6.2 Arcane may only process, or permit the processing, of Personal Data outside the UK under the following conditions:
(a) Arcane is processing Personal Data in a territory which is subject to adequacy regulations under the Data Protection Legislation that the territory provides adequate protection for the privacy rights of individuals; or
(b) Arcane participates in a valid cross-border transfer mechanism under the Data Protection Legislation, so that Arcane (and, where appropriate, the Customer) can ensure that appropriate safeguards are in place to ensure an adequate level of protection with respect to the privacy rights of individuals as required by Article 46 of the UK GDPR and EU GDPR; or
(c) the transfer otherwise complies with the Data Protection Legislation.6.3 If any Personal Data transfer between the Customer and Arcane requires execution of SCCs in order to comply with the Data Protection Legislation (where the Customer is the entity exporting Personal Data to Arcane outside the EEA), the parties will complete all relevant details in, and execute, the SCCs, and take all other actions required to legitimise the transfer.
7 - Subcontractors (including Processors and Subprocessors)
7.1 Arcane may only authorise a third party (including any Processor and Subprocessor) (”subcontractor”) to process Personal Data if Arcane enters into a written contract with the subcontractor that contains terms substantially the same as those set out in this Agreement or, where that is not practically possible, on that subcontractor’s standard terms of engagement.
7.2 Those subcontractors approved as at the commencement of this Agreement are as set out at the end of this Agreement.
7.3 The Parties agree that Arcane will be deemed to control legally any Personal Data controlled practically by or in the possession of its subcontractors.
7.4 Your marketing data (metadata, keywords, assets, parameters, and performance analytics) may be securely shared with select third-party AI models and data sub-contractors and -processors.
7.5 Arcane's use and transfer to any other app of information received from Google APIs will adhere to Google API Services User Data Policy, including the Limited Use requirements.
Sub-Processors (and link to privacy notices)
Infrastructure
Amazon Web Services (AWS) - Cloud hosted infrastructure and services used to operate the System (https://aws.amazon.com/blogs/security/aws-gdpr-data-processing-addendum/)
Platform
OpenAI - Service provider for hosting large language models and embeddings (https://openai.com/policies)

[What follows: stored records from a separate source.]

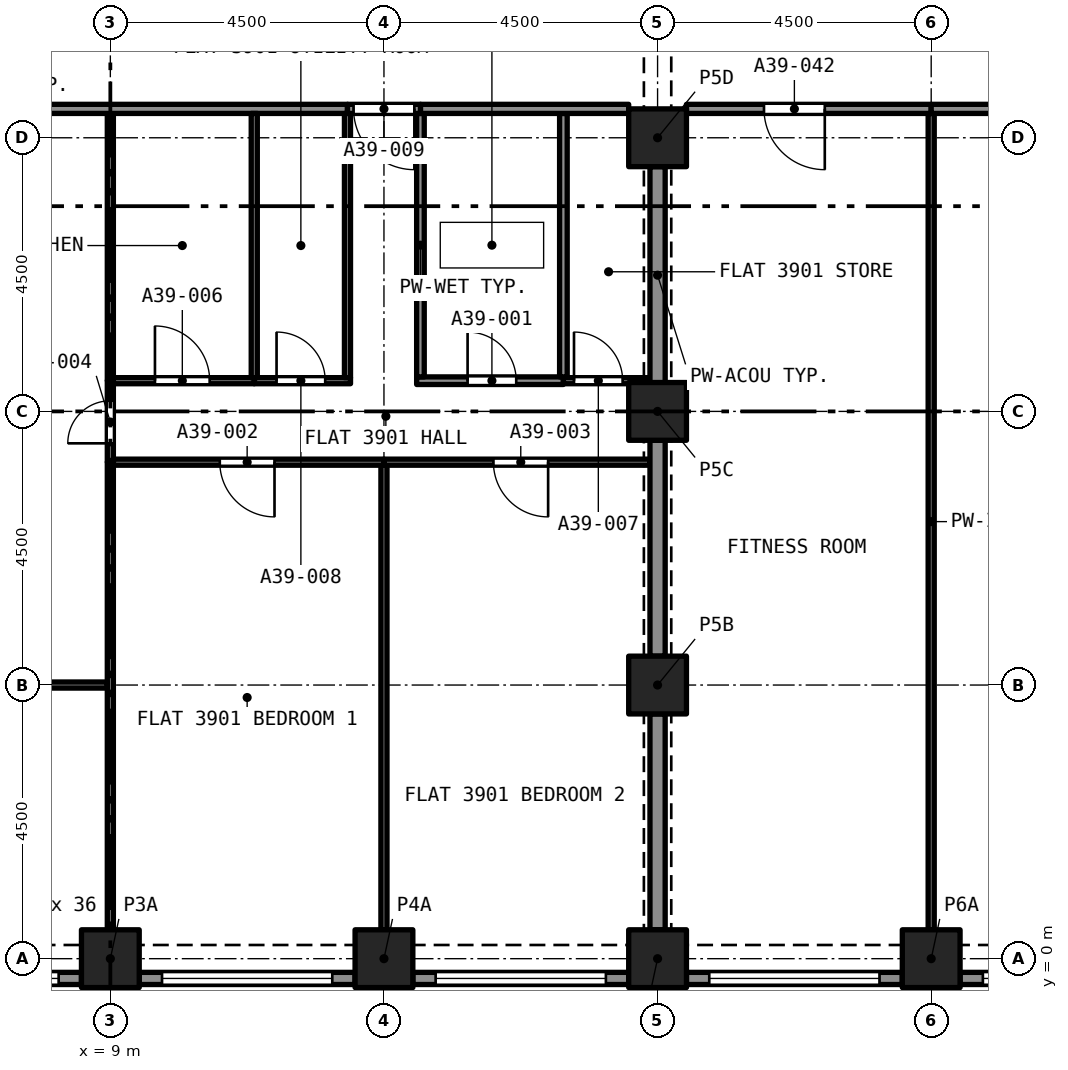
"""IFC4 building model, lengths in metres.
Left out: names, types, materials, properties, quantities, classifications, styles, units other than length and angle.
Written with IfcOpenShell. Run it as: python <this file> out.ifc"""

import sys

from ifc_helpers import new_model, si_unit, direction, frame, frame_2d, origin, origin_2d, place, context, subcontext, project, spatial, rectangle, extrude, element, fill, save


model = new_model("IFC4")
c1 = context("Model", 3, precision=1e-05, world=origin(), true_north=direction((0.0, 1.0)))
c2 = subcontext(c1, "Body", "Model", "MODEL_VIEW")
j1 = project(units=[si_unit("LENGTHUNIT", "METRE"), si_unit("PLANEANGLEUNIT", "RADIAN")], contexts=[c1])
p1 = place(None, origin())
s1 = spatial("IfcSite", under=j1, at=p1, CompositionType="ELEMENT")
p2 = place(p1, origin())
s2 = spatial("IfcBuilding", under=s1, at=p2, CompositionType="ELEMENT")
p3 = place(p2, frame((0.0, 0.0, 139.8)))
s3 = spatial("IfcBuildingStorey", under=s2, at=p3, CompositionType="ELEMENT", Elevation=139.8)
for number, where, z_axis, x_axis in (
    (1, (9.0, 0.0, 0.0), (0.0, 0.0, 1.0), (1.0, 0.0, 0.0)),
    (2, (13.5, 0.0, 0.0), (0.0, 0.0, 1.0), (1.0, 0.0, 0.0)),
    (3, (18.0, 0.0, 0.0), (0.0, 0.0, 1.0), (1.0, 0.0, 0.0)),
    (4, (22.5, 0.0, 0.0), (0.0, 0.0, 1.0), (1.0, 0.0, 0.0)),
    (5, (18.0, 4.5, 0.0), (0.0, 0.0, 1.0), (1.0, 0.0, 0.0)),
    (6, (18.0, 9.0, 0.0), (0.0, 0.0, 1.0), (1.0, 0.0, 0.0)),
    (7, (18.0, 13.5, 0.0), (0.0, 0.0, 1.0), (1.0, 0.0, 0.0)),
):
    element("IfcColumn", number, at=place(p3, frame(where, z_axis=z_axis, x_axis=x_axis)), inside=s3, PredefinedType="COLUMN", context=c2, shape_type="SweptSolid", body=[
        extrude(rectangle(XDim=0.95, YDim=0.95, at=origin_2d()), origin(), (0.0, 0.0, 1.0), 3.2),
    ])
p4 = place(p3, frame((8.525, -0.325, 0.0), z_axis=(0.0, 0.0, 1.0), x_axis=(-1.0, 0.0, 0.0)))
e8 = element("IfcWall", 8, at=p4, inside=s3, PredefinedType="SOLIDWALL", context=c2, shape_type="SweptSolid", body=[
    extrude(rectangle(XDim=3.55, YDim=0.2, at=frame_2d((1.775, 0.0))), origin(), (0.0, 0.0, 1.0), 3.2),
])
p5 = place(p4, frame((0.375, 0.0, 0.45)))
e9 = element("IfcOpeningElement", 9, at=p5, cuts=e8, PredefinedType="OPENING", context=c2, shape_type="SweptSolid", body=[
    extrude(rectangle(XDim=2.8, YDim=1.95, at=frame_2d((1.4, 0.975))), frame((0.0, 0.11, 0.0), z_axis=(0.0, -1.0, 0.0), x_axis=(1.0, 0.0, 0.0)), (0.0, 0.0, 1.0), 0.22),
])
p6 = place(p3, frame((13.025, -0.325, 0.0), z_axis=(0.0, 0.0, 1.0), x_axis=(-1.0, 0.0, 0.0)))
e10 = element("IfcWall", 10, at=p6, inside=s3, PredefinedType="SOLIDWALL", context=c2, shape_type="SweptSolid", body=[
    extrude(rectangle(XDim=3.55, YDim=0.2, at=frame_2d((1.775, 0.0))), origin(), (0.0, 0.0, 1.0), 3.2),
])
p7 = place(p6, frame((0.375, 0.0, 0.45)))
e11 = element("IfcOpeningElement", 11, at=p7, cuts=e10, PredefinedType="OPENING", context=c2, shape_type="SweptSolid", body=[
    extrude(rectangle(XDim=2.8, YDim=1.95, at=frame_2d((1.4, 0.975))), frame((0.0, 0.11, 0.0), z_axis=(0.0, -1.0, 0.0), x_axis=(1.0, 0.0, 0.0)), (0.0, 0.0, 1.0), 0.22),
])
p8 = place(p3, frame((17.525, -0.325, 0.0), z_axis=(0.0, 0.0, 1.0), x_axis=(-1.0, 0.0, 0.0)))
e12 = element("IfcWall", 12, at=p8, inside=s3, PredefinedType="SOLIDWALL", context=c2, shape_type="SweptSolid", body=[
    extrude(rectangle(XDim=3.55, YDim=0.2, at=frame_2d((1.775, 0.0))), origin(), (0.0, 0.0, 1.0), 3.2),
])
p9 = place(p8, frame((0.375, 0.0, 0.45)))
e13 = element("IfcOpeningElement", 13, at=p9, cuts=e12, PredefinedType="OPENING", context=c2, shape_type="SweptSolid", body=[
    extrude(rectangle(XDim=2.8, YDim=1.95, at=frame_2d((1.4, 0.975))), frame((0.0, 0.11, 0.0), z_axis=(0.0, -1.0, 0.0), x_axis=(1.0, 0.0, 0.0)), (0.0, 0.0, 1.0), 0.22),
])
p10 = place(p3, frame((22.025, -0.325, 0.0), z_axis=(0.0, 0.0, 1.0), x_axis=(-1.0, 0.0, 0.0)))
e14 = element("IfcWall", 14, at=p10, inside=s3, PredefinedType="SOLIDWALL", context=c2, shape_type="SweptSolid", body=[
    extrude(rectangle(XDim=3.55, YDim=0.2, at=frame_2d((1.775, 0.0))), origin(), (0.0, 0.0, 1.0), 3.2),
])
p11 = place(p10, frame((0.375, 0.0, 0.45)))
e15 = element("IfcOpeningElement", 15, at=p11, cuts=e14, PredefinedType="OPENING", context=c2, shape_type="SweptSolid", body=[
    extrude(rectangle(XDim=2.8, YDim=1.95, at=frame_2d((1.4, 0.975))), frame((0.0, 0.11, 0.0), z_axis=(0.0, -1.0, 0.0), x_axis=(1.0, 0.0, 0.0)), (0.0, 0.0, 1.0), 0.22),
])
p12 = place(p3, frame((26.525, -0.325, 0.0), z_axis=(0.0, 0.0, 1.0), x_axis=(-1.0, 0.0, 0.0)))
e16 = element("IfcWall", 16, at=p12, inside=s3, PredefinedType="SOLIDWALL", context=c2, shape_type="SweptSolid", body=[
    extrude(rectangle(XDim=3.55, YDim=0.2, at=frame_2d((1.775, 0.0))), origin(), (0.0, 0.0, 1.0), 3.2),
])
p13 = place(p12, frame((0.375, 0.0, 0.45)))
e17 = element("IfcOpeningElement", 17, at=p13, cuts=e16, PredefinedType="OPENING", context=c2, shape_type="SweptSolid", body=[
    extrude(rectangle(XDim=2.8, YDim=1.95, at=frame_2d((1.4, 0.975))), frame((0.0, 0.11, 0.0), z_axis=(0.0, -1.0, 0.0), x_axis=(1.0, 0.0, 0.0)), (0.0, 0.0, 1.0), 0.22),
])
p14 = place(p3, frame((14.038, 9.505, 0.0), z_axis=(0.0, 0.0, 1.0), x_axis=(1.0, 0.0, 0.0)))
e18 = element("IfcWall", 18, at=p14, inside=s3, PredefinedType="PARTITIONING", context=c2, shape_type="SweptSolid", body=[
    extrude(rectangle(XDim=2.414, YDim=0.125, at=frame_2d((1.207, 0.0))), origin(), (0.0, 0.0, 1.0), 2.9),
])
p15 = place(p14, frame((0.838, 0.0, 0.0)))
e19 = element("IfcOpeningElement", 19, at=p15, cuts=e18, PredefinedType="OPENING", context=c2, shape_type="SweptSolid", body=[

Datadog - Security and application logging (https://www.datadoghq.com/security/)
Business Operations
Segment - Event logging for analytics (https://www.twilio.com/en-us/legal/privacy)
June.so - Event logging for analytics (https://help.june.so/en/collections/3766023-security-privacy-terms)
Snowflake - Data warehouse for analytics (https://www.snowflake.com/snowflakes-security-compliance-reports/)
Loops.so - Transactional, broadcast, and marketing messaging (https://loops.so/privacy)
8 - Term and Termination
8.1 This Agreement will remain in full force and effect so long as:(a) the Customer is still a party to the Terms of Service; or (b) Arcane retains any Personal Data related to the Terms of Service in its possession or control (Term).
9 - Data Return and Destruction
9.1 At the Customer's request, Arcane will give the Customer, or a third party nominated in writing by the Customer, a copy of or access to all or part of Personal Data in its possession or control in the format and on the media reasonably specified by the Customer.
9.2 On termination of the Terms of Service for any reason or expiry of its term, Arcane will (in accordance with the timelines set out in such Terms of Service securely delete or destroy or, if directed in writing by the Customer, return and not retain, all or any Personal Data related to this Agreement in its possession or control.
9.3 If any law, regulation, or government or regulatory body requires Arcane to retain any documents or materials or Personal Data that Arcane would otherwise be required to return or destroy, then it shall be entitled to so retain such documents, materials and/or Personal Data as prescribed by such law, regulation, or government or regulatory body.